Le cytoplasme est l'ensemble du cytosol et des organites.
Certains organites ont une membrane unique (réticulum endoplasmique, appareil de Golgi, lysosome), d'autres une double membrane (noyau, mitochondrie).
Chaque organite a une composition interne unique et des fonctions spécifiques, régulées par les protéines de sa/ses membrane(s).
Le Prix Nobel de Physiologie ou Médecine 1974 a été attribué à Albert Claude, Christian de Duve et George E. Palade pour leurs découvertes concernant l'organisation structurelle et fonctionnelle de la cellule.
Leurs travaux sur la fractionnation par ultracentrifugation couplée à la microscopie électronique ont révélé l'ultrastructure cellulaire (réticulum endoplasmique, appareil de Golgi, vésicules de transport, mitochondries, lysosomes, péroxisomes).
L'utilisation du sucrose a permis la préservation des membranes internes des organites lors de la séparation.
Séquences d'adressage et trafic vésiculaire
Le trafic vésiculaire est un système de transport majeur entre les compartiments cellulaires.
Les molécules (principalement des protéines) sont transportées dans des vésicules délimitées par une bicouche lipidique.
Ces vésicules bourgeonnent de leur compartiment d'origine et fusionnent avec leur compartiment cible.
Ce transport est strictement régulé et directionnel, la cargaison étant identifiée par des molécules de surface spécifiques pour un adressage précis.
La fusion membranaire est essentielle pour la livraison spécifique des cargaisons, impliquée dans des processus physiologiques variés (distribution de protéines, sécrétion d'hormones, transmission synaptique).
Selon James E. Rothman (Prix Nobel 2013), la spécificité chimique intrinsèque des molécules et des vésicules guide l'acheminement précis des cargaisons et détermine l'agencement anatomique des structures cellulaires.
Autophagie
Christian de Duve a inventé le terme autophagie dans les années 50-60, décrivant le processus par lequel les cellules détruisent et recyclent leurs propres organites et contenus en les enfermant dans des membranes.

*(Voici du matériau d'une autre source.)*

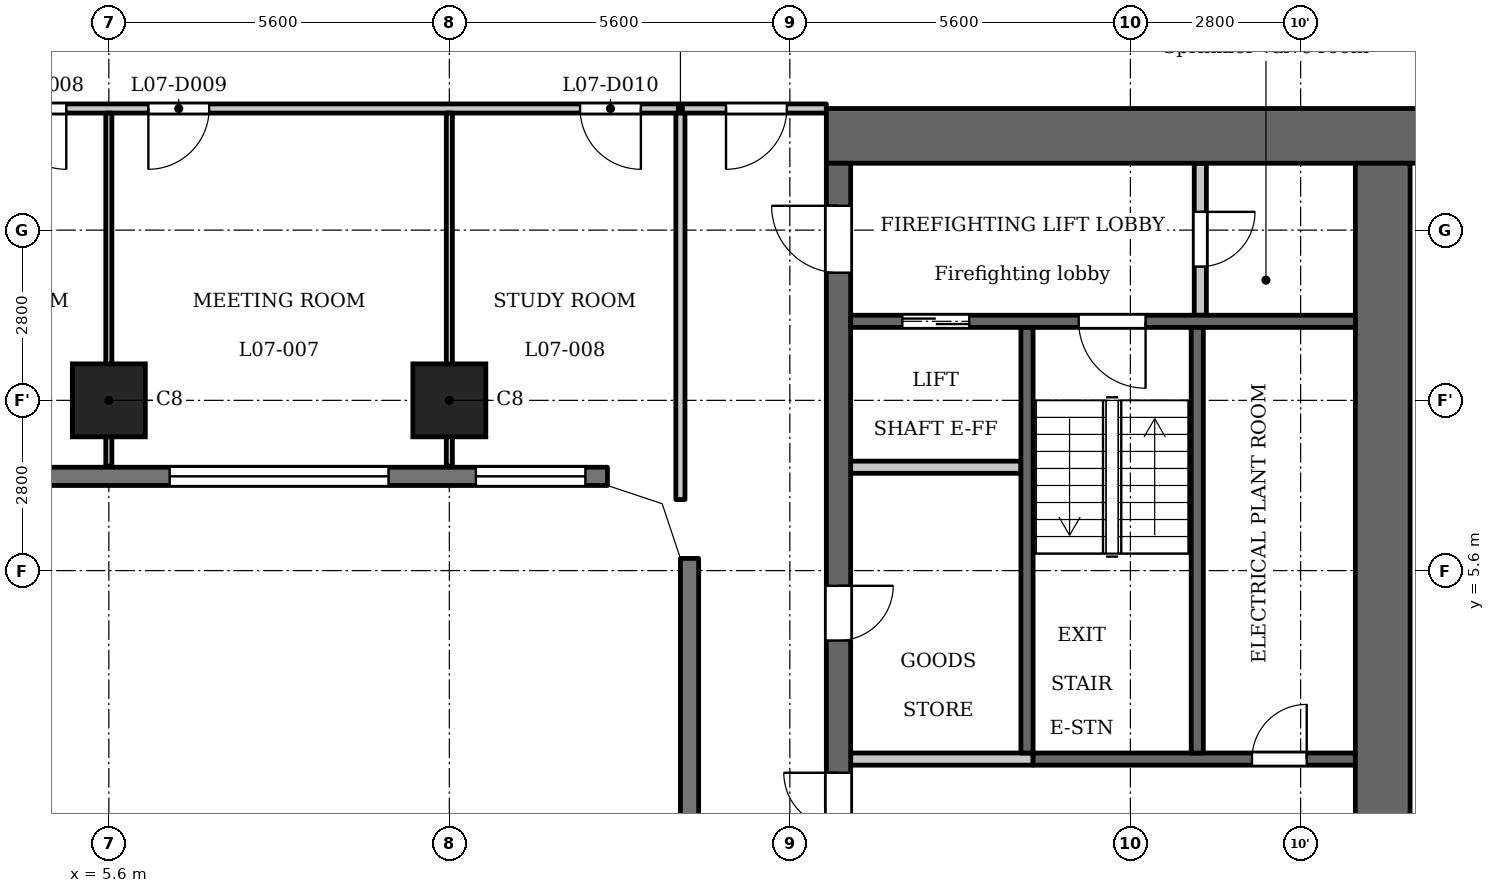
"""IFC4 building model, lengths in metres.
Left out: names, types, materials, properties, quantities, classifications, styles, units other than length and angle.
Written with IfcOpenShell. Run it as: python <this file> out.ifc"""

import sys

from ifc_helpers import new_model, si_unit, direction, frame, frame_2d, origin, origin_2d, place, context, subcontext, project, spatial, polyline, rectangle, outline, extrude, element, fill, save


model = new_model("IFC4")
c1 = context("Model", 3, precision=1e-05, world=origin(), true_north=direction((0.0, 1.0)))
c2 = subcontext(c1, "Body", "Model", "MODEL_VIEW")
j1 = project(units=[si_unit("LENGTHUNIT", "METRE"), si_unit("PLANEANGLEUNIT", "RADIAN")], contexts=[c1])
p1 = place(None, origin())
s1 = spatial("IfcSite", under=j1, at=p1, CompositionType="ELEMENT")
p2 = place(p1, origin())
s2 = spatial("IfcBuilding", under=s1, at=p2, CompositionType="ELEMENT")
p3 = place(p2, frame((0.0, 0.0, 34.0)))
s3 = spatial("IfcBuildingStorey", under=s2, at=p3, CompositionType="ELEMENT", Elevation=34.0)
for number, where, z_axis, x_axis in (
    (1, (5.6, 8.4, 0.0), (0.0, 0.0, 1.0), (1.0, 0.0, 0.0)),
    (2, (11.2, 8.4, 0.0), (0.0, 0.0, 1.0), (1.0, 0.0, 0.0)),
):
    element("IfcColumn", number, at=place(p3, frame(where, z_axis=z_axis, x_axis=x_axis)), inside=s3, PredefinedType="COLUMN", context=c2, shape_type="SweptSolid", body=[
        extrude(rectangle(XDim=1.2, YDim=1.2, at=origin_2d()), origin(), (0.0, 0.0, 1.0), 3.5),
    ])
p4 = place(p3, frame((-13.8, 7.15, 0.0), z_axis=(0.0, 0.0, 1.0), x_axis=(1.0, 0.0, 0.0)))
e3 = element("IfcWall", 3, at=p4, inside=s3, PredefinedType="SOLIDWALL", context=c2, shape_type="SweptSolid", body=[
    extrude(rectangle(XDim=27.6, YDim=0.3, at=frame_2d((13.8, 0.0))), origin(), (0.0, 0.0, 1.0), 3.2),
])
p5 = place(p4, frame((0.363, 0.0, 0.9)))
e4 = element("IfcOpeningElement", 4, at=p5, cuts=e3, PredefinedType="OPENING", context=c2, shape_type="SweptSolid", body=[
    extrude(rectangle(XDim=1.8, YDim=1.25, at=frame_2d((0.9, 0.625))), frame((0.0, 0.16, 0.0), z_axis=(0.0, -1.0, 0.0), x_axis=(1.0, 0.0, 0.0)), (0.0, 0.0, 1.0), 0.32),
])
p6 = place(p4, frame((3.6, 0.0, 1.2)))
e5 = element("IfcOpeningElement", 5, at=p6, cuts=e3, PredefinedType="OPENING", context=c2, shape_type="SweptSolid", body=[
    extrude(rectangle(XDim=3.6, YDim=0.95, at=frame_2d((1.8, 0.475))), frame((0.0, 0.16, 0.0), z_axis=(0.0, -1.0, 0.0), x_axis=(1.0, 0.0, 0.0)), (0.0, 0.0, 1.0), 0.32),
])
p7 = place(p4, frame((9.2, 0.0, 1.2)))
e6 = element("IfcOpeningElement", 6, at=p7, cuts=e3, PredefinedType="OPENING", context=c2, shape_type="SweptSolid", body=[
    extrude(rectangle(XDim=3.6, YDim=0.95, at=frame_2d((1.8, 0.475))), frame((0.0, 0.16, 0.0), z_axis=(0.0, -1.0, 0.0), x_axis=(1.0, 0.0, 0.0)), (0.0, 0.0, 1.0), 0.32),
])
p8 = place(p4, frame((14.8, 0.0, 1.2)))
e7 = element("IfcOpeningElement", 7, at=p8, cuts=e3, PredefinedType="OPENING", context=c2, shape_type="SweptSolid", body=[
    extrude(rectangle(XDim=3.6, YDim=0.95, at=frame_2d((1.8, 0.475))), frame((0.0, 0.16, 0.0), z_axis=(0.0, -1.0, 0.0), x_axis=(1.0, 0.0, 0.0)), (0.0, 0.0, 1.0), 0.32),
])
p9 = place(p4, frame((20.4, 0.0, 1.2)))
e8 = element("IfcOpeningElement", 8, at=p9, cuts=e3, PredefinedType="OPENING", context=c2, shape_type="SweptSolid", body=[
    extrude(rectangle(XDim=3.6, YDim=0.95, at=frame_2d((1.8, 0.475))), frame((0.0, 0.16, 0.0), z_axis=(0.0, -1.0, 0.0), x_axis=(1.0, 0.0, 0.0)), (0.0, 0.0, 1.0), 0.32),
])
p10 = place(p4, frame((25.438, 0.0, 0.9)))
e9 = element("IfcOpeningElement", 9, at=p10, cuts=e3, PredefinedType="OPENING", context=c2, shape_type="SweptSolid", body=[
    extrude(rectangle(XDim=1.8, YDim=1.25, at=frame_2d((0.9, 0.625))), frame((0.0, 0.16, 0.0), z_axis=(0.0, -1.0, 0.0), x_axis=(1.0, 0.0, 0.0)), (0.0, 0.0, 1.0), 0.32),
])
p11 = place(p3, frame((15.15, 5.8, 0.0), z_axis=(0.0, 0.0, 1.0), x_axis=(0.0, -1.0, 0.0)))
e10 = element("IfcWall", 10, at=p11, inside=s3, PredefinedType="SOLIDWALL", context=c2, shape_type="SweptSolid", body=[
    extrude(rectangle(XDim=11.6, YDim=0.3, at=frame_2d((5.8, 0.0))), origin(), (0.0, 0.0, 1.0), 3.2),
])
p12 = place(p3, frame((20.7, 2.6, 0.0), z_axis=(0.0, 0.0, 1.0), x_axis=(0.0, 1.0, 0.0)))
e11 = element("IfcWall", 11, at=p12, inside=s3, PredefinedType="SHEAR", context=c2, shape_type="SweptSolid", body=[
    extrude(rectangle(XDim=7.0, YDim=0.2, at=frame_2d((3.5, 0.0))), origin(), (0.0, 0.0, 1.0), 3.2),
])
p13 = place(p3, frame((20.8, 2.5, 0.0), z_axis=(0.0, 0.0, 1.0), x_axis=(1.0, 0.0, 0.0)))
e12 = element("IfcWall", 12, at=p13, inside=s3, PredefinedType="SHEAR", context=c2, shape_type="SweptSolid", body=[
    extrude(rectangle(XDim=5.3, YDim=0.2, at=frame_2d((2.65, 0.0))), origin(), (0.0, 0.0, 1.0), 3.2),
])
p14 = place(p13, frame((3.6, 0.0, 0.0)))
e13 = element("IfcOpeningElement", 13, at=p14, cuts=e12, PredefinedType="OPENING", context=c2, shape_type="SweptSolid", body=[
    extrude(rectangle(XDim=0.9, YDim=2.1, at=frame_2d((0.45, 1.05))), frame((0.0, 0.11, 0.0), z_axis=(0.0, -1.0, 0.0), x_axis=(1.0, 0.0, 0.0)), (0.0, 0.0, 1.0), 0.22),
])
p15 = place(p3, frame((17.4, 12.75, 0.0), z_axis=(0.0, 0.0, 1.0), x_axis=(1.0, 0.0, 0.0)))
e14 = element("IfcWall", 14, at=p15, inside=s3, PredefinedType="SHEAR", context=c2, shape_type="SweptSolid", body=[
    extrude(rectangle(XDim=10.4, YDim=0.9, at=frame_2d((5.2, 0.0))), origin(), (0.0, 0.0, 1.0), 3.2),
])
p16 = place(p3, frame((17.6, -12.3, 0.0), z_axis=(0.0, 0.0, 1.0), x_axis=(0.0, 1.0, 0.0)))
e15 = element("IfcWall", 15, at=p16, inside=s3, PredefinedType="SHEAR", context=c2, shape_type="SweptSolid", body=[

Yoshinori Ohsumi (Prix Nobel de Physiologie ou Médecine 2016) a identifié les gènes essentiels à l'autophagie chez la levure et a montré que des mécanismes similaires existent chez l'homme.
Condensats biomoléculaires
Les condensats biomoléculaires sont des agrégats de protéines et d'acides nucléiques qui conservent des propriétés liquidiennes.
Ils se forment grâce à des interactions spécifiques permettant une séparation de phase réversible.
La présence d'un agent perturbateur et la concentration des macromolécules influencent ce processus.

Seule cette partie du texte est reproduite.